# HGV Mechanic Jobs Dubai



## suzannev (Apr 15, 2012)

Hi, I am wondering whether anyone that is in a similar position can give me advice? My husband is a qualified Diesel/HGV Mechanic and now that our 2 daughters have flown the nest, we are looking at opportunities to work in Dubai. I have been on various websites looking for agencies or recruiters in the UK that place siesel mechanics in UAE but am only coming up against many agencies that ask for money upfront. Please advise if there is a special agency etc that deal with these types of positions as Ive heard from many people that there are a number of jobs for qualified mechanics.
Many Thanks


----------



## rsinner (Feb 3, 2009)

Sorry, can't help you there, but whatever you do, DO NOT pay any money upfront or otherwise to the "recruiters"


----------



## suzannev (Apr 15, 2012)

rsinner said:


> Sorry, can't help you there, but whatever you do, DO NOT pay any money upfront or otherwise to the "recruiters"


Many thanks for your advice, I thought it rather strange to pay a fee for a service that should be free.


----------



## Jynxgirl (Nov 27, 2009)

It is a scam. They are never going to find you a job or even bother to look. They are just getting the people who are desperate to find a job. 

Getting a mechanic job probly isnt going to happen. They are done by asians who will work for a fourth of what a westerner tends to need to survive on. 

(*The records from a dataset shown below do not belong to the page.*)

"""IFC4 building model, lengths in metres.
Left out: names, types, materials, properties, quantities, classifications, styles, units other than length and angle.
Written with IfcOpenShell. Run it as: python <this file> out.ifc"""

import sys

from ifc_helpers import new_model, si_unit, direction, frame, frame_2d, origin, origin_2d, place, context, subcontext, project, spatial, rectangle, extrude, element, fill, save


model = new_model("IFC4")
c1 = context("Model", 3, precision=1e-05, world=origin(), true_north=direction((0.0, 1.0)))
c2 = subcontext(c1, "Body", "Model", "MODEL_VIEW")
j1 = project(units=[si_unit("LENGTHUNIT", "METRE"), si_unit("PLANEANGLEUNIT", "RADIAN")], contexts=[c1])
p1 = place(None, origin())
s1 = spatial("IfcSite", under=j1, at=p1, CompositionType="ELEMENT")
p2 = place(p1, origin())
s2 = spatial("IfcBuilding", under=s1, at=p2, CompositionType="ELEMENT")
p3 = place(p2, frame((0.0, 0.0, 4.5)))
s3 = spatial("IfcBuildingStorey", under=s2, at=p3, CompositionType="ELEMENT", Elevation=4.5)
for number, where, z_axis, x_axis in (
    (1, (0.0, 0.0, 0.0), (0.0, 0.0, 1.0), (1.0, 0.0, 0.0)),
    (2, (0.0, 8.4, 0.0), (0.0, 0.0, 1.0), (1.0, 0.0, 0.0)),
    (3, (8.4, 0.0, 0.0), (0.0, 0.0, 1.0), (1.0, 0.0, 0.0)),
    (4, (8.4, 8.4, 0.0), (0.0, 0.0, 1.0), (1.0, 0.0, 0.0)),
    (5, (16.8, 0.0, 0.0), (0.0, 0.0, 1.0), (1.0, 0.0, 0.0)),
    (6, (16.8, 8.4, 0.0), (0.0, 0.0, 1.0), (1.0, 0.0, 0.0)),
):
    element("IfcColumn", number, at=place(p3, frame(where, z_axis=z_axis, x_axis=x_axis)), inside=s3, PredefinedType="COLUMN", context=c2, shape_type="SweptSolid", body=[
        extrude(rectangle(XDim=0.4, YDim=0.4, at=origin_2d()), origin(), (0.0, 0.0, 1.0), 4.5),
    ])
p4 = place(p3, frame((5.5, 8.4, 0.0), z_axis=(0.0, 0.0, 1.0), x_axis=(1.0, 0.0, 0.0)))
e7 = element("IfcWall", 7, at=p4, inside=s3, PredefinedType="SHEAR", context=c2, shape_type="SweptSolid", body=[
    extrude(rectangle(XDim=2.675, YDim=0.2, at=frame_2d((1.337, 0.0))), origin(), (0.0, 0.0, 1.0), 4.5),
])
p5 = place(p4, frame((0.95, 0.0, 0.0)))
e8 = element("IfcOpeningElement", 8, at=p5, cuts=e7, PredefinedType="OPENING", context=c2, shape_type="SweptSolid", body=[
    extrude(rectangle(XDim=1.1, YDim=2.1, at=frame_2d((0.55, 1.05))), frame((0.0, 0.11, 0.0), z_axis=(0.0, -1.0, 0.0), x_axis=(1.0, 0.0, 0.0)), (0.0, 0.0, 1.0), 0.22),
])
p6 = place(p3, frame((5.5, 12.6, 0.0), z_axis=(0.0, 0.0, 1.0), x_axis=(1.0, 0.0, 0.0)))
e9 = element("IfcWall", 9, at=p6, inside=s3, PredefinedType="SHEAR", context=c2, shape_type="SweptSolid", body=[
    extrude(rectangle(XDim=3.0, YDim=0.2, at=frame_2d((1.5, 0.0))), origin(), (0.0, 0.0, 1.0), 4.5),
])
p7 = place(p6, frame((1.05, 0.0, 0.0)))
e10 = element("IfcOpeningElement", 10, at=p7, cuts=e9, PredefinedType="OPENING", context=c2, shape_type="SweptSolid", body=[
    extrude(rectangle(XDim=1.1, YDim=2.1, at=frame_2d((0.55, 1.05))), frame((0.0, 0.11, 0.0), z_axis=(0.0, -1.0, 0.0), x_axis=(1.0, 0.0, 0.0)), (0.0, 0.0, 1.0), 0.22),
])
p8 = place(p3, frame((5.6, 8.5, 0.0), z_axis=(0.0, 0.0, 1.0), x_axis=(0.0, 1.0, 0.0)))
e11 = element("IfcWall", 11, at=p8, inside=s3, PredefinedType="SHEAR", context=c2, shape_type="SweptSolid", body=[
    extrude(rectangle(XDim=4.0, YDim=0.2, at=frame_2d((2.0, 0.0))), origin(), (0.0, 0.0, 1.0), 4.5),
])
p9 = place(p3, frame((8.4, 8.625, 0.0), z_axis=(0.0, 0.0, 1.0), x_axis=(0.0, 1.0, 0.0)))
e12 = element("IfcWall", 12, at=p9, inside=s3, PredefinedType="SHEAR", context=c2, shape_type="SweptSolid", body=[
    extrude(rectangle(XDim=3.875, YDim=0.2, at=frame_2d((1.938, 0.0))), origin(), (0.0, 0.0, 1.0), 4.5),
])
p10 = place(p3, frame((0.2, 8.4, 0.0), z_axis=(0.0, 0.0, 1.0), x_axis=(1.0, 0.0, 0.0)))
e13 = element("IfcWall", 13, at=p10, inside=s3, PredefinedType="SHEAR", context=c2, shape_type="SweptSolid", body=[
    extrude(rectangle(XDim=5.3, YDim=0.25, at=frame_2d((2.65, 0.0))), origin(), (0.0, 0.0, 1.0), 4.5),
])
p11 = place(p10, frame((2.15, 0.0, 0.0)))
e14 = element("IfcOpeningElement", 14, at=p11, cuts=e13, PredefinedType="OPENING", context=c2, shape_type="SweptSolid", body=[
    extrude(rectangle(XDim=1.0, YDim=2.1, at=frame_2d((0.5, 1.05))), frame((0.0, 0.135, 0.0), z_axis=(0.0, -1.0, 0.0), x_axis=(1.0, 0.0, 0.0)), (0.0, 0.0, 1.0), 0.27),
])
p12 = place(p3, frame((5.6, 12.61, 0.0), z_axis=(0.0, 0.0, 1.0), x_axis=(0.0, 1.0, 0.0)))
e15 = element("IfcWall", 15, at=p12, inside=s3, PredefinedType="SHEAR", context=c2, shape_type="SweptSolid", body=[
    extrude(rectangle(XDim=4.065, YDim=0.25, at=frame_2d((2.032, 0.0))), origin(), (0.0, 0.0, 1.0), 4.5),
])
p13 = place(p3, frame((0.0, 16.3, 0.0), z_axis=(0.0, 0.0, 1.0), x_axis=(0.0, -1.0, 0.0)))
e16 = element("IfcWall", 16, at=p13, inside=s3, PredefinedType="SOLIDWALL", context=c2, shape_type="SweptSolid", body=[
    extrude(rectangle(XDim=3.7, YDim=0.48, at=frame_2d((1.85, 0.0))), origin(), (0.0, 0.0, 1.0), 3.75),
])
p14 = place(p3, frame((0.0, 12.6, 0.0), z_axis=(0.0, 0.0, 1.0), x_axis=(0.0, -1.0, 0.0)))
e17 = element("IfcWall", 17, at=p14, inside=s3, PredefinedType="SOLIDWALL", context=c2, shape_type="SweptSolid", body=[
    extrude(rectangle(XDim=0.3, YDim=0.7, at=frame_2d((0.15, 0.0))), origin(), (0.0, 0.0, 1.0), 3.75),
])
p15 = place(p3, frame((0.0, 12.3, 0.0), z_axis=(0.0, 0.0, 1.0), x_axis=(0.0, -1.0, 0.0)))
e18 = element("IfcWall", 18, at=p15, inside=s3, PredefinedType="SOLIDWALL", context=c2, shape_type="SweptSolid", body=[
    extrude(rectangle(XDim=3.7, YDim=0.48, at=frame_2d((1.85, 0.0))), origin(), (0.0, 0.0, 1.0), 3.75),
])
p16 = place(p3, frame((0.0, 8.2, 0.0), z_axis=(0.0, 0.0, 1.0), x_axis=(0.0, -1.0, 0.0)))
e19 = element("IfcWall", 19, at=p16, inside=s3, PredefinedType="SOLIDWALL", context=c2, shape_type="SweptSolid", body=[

You can try to contact the major players in the diesel equipment. Know of a few westerners who are in sales/mechnical/tecnical roles where they travel a good deal in the GCC. They are not actually wrenching but are the brains of the entire division to keep the accounts happy and running. If your husband is able to sell himself at that level, then maybe could find a suitable role.


----------